Interview Round: Take-home Project

##### Question You are given an array shelf of n distinct integers that is a permutation of 1…n. Starting with target = 1, you repeatedly scan shelf from left to right: While scanning, if the current element equals target, you collect it and immediately increment target (target += 1). You never move left during a scan. When you reach the end of the array, if target ≤ n, you start a new full left-to-right pass and continue looking for the current target. Return the minimum number of full passes required to collect all numbers 1…n. Example: shelf = [3,1,5,4,2] → 3 passes (collect 1,2 in pass 1; 3,4 in pass 2; 5 in pass 3). Design an O(n) algorithm and implement it.

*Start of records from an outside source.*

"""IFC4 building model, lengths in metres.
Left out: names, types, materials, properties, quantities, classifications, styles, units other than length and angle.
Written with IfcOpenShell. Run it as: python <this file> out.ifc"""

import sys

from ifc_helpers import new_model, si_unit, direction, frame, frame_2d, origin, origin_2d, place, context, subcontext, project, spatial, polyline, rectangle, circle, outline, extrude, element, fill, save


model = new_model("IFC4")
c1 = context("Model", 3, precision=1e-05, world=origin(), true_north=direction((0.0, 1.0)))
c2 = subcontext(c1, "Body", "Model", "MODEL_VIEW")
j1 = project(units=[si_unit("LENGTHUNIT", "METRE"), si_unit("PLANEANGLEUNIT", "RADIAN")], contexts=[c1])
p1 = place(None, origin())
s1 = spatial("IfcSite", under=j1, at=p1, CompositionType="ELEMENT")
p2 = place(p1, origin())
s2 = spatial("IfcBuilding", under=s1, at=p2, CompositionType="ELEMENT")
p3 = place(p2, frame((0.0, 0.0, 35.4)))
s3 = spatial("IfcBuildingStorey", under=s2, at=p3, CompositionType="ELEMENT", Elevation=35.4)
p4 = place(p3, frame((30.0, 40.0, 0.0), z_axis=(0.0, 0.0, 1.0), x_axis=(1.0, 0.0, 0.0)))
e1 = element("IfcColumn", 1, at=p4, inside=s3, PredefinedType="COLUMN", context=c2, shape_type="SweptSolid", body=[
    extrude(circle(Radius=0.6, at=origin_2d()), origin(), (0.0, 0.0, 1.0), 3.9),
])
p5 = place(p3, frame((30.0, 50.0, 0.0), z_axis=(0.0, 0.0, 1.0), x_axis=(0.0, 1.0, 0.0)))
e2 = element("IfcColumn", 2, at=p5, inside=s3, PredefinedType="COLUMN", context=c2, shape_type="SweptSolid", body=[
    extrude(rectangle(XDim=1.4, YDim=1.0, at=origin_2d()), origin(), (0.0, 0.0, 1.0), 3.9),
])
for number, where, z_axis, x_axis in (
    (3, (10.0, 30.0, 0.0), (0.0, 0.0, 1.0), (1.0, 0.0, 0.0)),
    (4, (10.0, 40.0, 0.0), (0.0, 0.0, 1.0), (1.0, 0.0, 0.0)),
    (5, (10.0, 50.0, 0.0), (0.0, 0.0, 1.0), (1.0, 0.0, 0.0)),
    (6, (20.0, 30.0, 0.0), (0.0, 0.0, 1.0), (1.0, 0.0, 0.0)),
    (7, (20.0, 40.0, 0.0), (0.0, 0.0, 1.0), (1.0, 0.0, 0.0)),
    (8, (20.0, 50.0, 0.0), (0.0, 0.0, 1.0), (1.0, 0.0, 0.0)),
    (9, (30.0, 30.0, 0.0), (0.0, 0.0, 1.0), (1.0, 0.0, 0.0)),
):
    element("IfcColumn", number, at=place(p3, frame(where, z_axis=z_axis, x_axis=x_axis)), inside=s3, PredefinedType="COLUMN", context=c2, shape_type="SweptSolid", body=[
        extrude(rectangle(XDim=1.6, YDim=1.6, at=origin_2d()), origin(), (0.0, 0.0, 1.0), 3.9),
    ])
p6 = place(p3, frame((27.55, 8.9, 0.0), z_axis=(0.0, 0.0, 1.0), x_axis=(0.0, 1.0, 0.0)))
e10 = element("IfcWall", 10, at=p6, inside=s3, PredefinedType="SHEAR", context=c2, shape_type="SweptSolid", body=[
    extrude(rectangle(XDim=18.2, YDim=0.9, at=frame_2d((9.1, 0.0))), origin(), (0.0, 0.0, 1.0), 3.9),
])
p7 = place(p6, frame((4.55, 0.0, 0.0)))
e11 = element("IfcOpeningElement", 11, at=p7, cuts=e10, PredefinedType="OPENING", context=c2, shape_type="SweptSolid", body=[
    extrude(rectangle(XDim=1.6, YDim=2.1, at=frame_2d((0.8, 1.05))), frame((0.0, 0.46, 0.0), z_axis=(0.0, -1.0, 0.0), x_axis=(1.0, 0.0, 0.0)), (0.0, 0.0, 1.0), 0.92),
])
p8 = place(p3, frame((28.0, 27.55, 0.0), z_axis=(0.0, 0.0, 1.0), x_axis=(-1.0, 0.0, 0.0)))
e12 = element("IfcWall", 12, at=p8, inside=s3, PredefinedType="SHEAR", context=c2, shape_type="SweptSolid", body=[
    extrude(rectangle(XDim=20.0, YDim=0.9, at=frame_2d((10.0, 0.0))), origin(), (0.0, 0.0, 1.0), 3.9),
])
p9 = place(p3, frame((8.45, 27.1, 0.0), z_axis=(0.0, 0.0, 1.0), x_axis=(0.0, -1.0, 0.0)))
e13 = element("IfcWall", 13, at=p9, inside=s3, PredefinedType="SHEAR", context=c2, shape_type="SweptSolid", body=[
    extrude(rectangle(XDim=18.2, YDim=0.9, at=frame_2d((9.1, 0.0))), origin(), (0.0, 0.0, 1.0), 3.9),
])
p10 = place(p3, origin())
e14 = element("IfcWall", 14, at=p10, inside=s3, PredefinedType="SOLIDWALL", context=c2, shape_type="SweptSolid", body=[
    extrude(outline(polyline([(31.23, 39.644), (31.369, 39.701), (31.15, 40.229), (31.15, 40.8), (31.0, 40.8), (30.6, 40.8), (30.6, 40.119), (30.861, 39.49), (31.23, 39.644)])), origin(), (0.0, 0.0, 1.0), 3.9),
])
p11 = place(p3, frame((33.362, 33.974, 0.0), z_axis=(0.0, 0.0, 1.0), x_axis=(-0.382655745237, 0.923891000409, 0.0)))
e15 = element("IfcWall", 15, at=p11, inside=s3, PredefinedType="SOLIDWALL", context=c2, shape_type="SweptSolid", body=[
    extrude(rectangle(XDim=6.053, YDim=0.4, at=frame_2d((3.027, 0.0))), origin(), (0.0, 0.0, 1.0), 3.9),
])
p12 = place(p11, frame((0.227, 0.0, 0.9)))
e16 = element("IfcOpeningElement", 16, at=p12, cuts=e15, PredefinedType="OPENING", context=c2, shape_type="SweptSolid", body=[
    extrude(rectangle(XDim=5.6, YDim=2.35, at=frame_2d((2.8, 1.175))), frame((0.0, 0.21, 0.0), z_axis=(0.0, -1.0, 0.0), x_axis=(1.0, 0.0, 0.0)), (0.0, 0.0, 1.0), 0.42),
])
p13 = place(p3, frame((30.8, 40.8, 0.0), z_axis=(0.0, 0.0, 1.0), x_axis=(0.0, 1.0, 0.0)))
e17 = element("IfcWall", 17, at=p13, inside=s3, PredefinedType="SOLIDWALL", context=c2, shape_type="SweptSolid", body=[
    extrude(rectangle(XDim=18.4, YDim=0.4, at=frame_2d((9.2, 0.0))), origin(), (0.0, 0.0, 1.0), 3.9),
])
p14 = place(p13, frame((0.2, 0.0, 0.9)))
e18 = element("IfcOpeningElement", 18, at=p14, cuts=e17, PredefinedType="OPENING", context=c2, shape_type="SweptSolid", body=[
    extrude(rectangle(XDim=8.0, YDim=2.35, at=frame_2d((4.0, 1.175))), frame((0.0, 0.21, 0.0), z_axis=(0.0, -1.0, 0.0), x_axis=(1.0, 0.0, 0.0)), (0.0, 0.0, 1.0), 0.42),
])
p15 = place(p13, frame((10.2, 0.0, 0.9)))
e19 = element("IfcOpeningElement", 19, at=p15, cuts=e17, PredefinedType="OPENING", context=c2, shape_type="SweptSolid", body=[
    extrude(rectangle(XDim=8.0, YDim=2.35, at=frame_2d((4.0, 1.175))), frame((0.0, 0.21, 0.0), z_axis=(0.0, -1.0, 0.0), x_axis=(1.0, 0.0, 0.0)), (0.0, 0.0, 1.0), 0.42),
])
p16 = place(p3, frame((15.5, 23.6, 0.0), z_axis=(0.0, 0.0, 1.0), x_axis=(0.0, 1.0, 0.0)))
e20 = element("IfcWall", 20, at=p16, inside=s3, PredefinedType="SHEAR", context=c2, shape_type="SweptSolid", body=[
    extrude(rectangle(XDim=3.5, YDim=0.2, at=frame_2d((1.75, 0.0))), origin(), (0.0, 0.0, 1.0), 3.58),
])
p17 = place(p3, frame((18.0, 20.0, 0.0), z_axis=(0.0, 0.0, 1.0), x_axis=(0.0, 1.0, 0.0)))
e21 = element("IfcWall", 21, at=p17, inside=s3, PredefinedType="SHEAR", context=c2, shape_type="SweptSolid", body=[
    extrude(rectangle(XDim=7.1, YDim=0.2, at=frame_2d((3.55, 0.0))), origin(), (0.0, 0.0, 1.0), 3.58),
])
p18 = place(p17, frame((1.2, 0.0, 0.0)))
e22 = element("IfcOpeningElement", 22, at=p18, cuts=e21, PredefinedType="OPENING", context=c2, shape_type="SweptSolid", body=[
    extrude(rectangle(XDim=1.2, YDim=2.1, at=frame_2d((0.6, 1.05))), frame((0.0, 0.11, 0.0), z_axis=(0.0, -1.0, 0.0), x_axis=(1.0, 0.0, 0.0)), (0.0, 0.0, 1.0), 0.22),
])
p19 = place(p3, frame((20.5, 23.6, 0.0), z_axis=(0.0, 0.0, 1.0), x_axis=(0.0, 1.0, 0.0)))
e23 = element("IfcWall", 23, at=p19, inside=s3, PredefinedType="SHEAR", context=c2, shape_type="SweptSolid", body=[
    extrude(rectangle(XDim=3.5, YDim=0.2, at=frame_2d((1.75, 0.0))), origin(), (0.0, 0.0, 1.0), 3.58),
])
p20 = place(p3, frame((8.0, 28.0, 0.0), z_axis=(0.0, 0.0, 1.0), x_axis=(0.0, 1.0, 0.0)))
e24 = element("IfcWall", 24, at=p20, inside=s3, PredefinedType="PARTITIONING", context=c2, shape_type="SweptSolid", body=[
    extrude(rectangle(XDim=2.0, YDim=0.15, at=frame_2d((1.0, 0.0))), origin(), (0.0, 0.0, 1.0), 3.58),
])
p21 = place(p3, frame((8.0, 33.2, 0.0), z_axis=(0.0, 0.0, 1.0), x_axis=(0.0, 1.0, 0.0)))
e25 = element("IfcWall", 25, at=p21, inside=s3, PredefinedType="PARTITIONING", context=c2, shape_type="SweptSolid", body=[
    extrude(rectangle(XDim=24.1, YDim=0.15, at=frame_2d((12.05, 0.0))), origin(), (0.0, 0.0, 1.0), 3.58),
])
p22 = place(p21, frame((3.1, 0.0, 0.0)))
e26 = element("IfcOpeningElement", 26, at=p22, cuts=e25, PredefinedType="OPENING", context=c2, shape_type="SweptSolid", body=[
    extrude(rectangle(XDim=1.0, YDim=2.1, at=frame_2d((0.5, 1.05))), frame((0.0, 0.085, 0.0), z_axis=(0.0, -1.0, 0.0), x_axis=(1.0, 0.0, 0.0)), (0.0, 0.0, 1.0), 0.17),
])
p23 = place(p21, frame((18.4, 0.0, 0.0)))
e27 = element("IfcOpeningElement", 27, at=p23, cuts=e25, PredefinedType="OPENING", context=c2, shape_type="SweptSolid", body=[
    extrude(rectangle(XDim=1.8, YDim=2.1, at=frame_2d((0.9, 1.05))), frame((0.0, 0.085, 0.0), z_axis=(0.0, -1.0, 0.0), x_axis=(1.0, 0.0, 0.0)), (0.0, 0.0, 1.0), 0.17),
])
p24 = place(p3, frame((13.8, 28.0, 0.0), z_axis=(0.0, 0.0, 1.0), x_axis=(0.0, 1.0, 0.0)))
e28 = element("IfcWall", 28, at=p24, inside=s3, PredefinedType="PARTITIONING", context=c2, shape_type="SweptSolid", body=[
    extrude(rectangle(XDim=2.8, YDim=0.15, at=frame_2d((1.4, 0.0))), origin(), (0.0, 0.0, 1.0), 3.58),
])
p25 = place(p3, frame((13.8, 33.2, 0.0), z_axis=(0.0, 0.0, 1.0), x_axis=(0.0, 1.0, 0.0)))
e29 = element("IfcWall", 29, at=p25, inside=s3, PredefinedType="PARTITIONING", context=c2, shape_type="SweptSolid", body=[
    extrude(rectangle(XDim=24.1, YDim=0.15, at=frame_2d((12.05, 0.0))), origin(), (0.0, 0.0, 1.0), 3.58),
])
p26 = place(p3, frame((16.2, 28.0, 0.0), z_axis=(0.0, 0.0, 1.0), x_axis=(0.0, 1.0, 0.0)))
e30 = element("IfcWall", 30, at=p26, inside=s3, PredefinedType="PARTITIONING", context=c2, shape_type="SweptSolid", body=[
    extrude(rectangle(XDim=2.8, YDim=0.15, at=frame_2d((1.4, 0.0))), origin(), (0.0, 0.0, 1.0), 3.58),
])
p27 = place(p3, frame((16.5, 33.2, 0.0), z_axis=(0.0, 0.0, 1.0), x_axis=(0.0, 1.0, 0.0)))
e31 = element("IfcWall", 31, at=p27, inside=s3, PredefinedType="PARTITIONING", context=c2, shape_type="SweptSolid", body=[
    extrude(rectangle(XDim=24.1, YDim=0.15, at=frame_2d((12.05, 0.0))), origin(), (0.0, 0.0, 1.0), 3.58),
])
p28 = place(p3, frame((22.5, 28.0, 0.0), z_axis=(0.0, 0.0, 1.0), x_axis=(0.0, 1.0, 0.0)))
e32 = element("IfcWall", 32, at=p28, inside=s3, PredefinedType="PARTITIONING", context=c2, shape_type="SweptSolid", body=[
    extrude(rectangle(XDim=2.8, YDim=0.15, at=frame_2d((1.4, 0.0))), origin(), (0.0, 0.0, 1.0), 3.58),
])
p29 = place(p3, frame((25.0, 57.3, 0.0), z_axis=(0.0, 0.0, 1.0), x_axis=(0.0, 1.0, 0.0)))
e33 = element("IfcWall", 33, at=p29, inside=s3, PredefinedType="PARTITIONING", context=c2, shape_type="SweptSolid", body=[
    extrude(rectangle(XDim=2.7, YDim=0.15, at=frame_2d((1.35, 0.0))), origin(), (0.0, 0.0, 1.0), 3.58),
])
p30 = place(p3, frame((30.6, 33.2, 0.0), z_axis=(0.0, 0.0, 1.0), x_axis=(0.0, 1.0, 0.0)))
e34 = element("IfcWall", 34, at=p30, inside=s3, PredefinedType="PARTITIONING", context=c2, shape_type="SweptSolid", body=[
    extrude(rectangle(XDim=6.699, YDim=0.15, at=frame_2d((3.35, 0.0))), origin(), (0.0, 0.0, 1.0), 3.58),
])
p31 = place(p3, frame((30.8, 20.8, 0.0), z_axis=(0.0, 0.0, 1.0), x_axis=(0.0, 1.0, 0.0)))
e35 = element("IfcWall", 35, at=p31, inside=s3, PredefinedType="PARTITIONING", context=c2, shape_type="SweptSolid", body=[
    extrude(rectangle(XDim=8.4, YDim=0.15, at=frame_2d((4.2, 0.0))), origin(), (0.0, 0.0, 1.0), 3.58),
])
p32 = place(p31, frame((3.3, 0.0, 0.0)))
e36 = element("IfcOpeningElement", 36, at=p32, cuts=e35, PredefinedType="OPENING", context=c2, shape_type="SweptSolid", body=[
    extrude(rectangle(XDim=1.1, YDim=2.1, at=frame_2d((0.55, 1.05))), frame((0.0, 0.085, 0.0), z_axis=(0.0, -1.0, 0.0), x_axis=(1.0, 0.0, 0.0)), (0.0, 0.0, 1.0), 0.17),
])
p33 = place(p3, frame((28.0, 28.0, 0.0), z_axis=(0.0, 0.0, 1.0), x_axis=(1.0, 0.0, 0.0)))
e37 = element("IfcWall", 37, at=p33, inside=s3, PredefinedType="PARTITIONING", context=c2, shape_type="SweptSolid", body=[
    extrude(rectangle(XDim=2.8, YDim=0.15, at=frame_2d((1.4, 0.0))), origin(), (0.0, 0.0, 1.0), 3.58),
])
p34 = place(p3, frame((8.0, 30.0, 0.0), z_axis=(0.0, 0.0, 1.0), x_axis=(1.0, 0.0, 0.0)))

Quick Answer: This question evaluates a candidate's ability to analyze array traversal patterns, permutation properties, and algorithmic efficiency, specifically reasoning about linear-time operations and state tracking across multiple left-to-right passes.

You are given an array shelf of n distinct integers that is a permutation of 1..n. Starting with target = 1, you repeatedly scan shelf from left to right in full passes. During a pass, whenever you encounter the current target, you collect it and immediately increment target by 1. You never move left within a pass. If after reaching the end target <= n, you start a new full pass. Return the minimum number of full passes needed to collect all numbers 1..n.

Constraints

1 <= n <= 200000
shelf is a permutation of integers 1..n
Time complexity should be O(n)
Space complexity should be O(n)

Solution

from typing import List

def min_passes_to_collect(shelf: List[int]) -> int:
    n = len(shelf)
    if n == 0:
        return 0
    pos = [0] * (n + 1)
    for i, v in enumerate(shelf):
        pos[v] = i
    passes = 1
    for x in range(1, n):
        if pos[x] > pos[x + 1]:
            passes += 1
    return passes

Explanation

Map each value v in 1..n to its index pos[v] in shelf. While scanning for 1..n in order, you can continue within the same pass as long as pos[i] < pos[i+1]. Whenever pos[i] > pos[i+1], you must start a new pass. Therefore, the number of passes equals 1 plus the count of such inversions between consecutive values.

Time complexity: O(n). Space complexity: O(n).

Hints

Track the index (position) of each value 1..n in shelf.
If position[i] < position[i+1], you can collect i and i+1 in the same pass; otherwise, you need a new pass.
The answer equals 1 plus the number of i in [1..n-1] where position[i] > position[i+1].

Quick Overview

This question evaluates a candidate's ability to analyze array traversal patterns, permutation properties, and algorithmic efficiency, specifically reasoning about linear-time operations and state tracking across multiple left-to-right passes.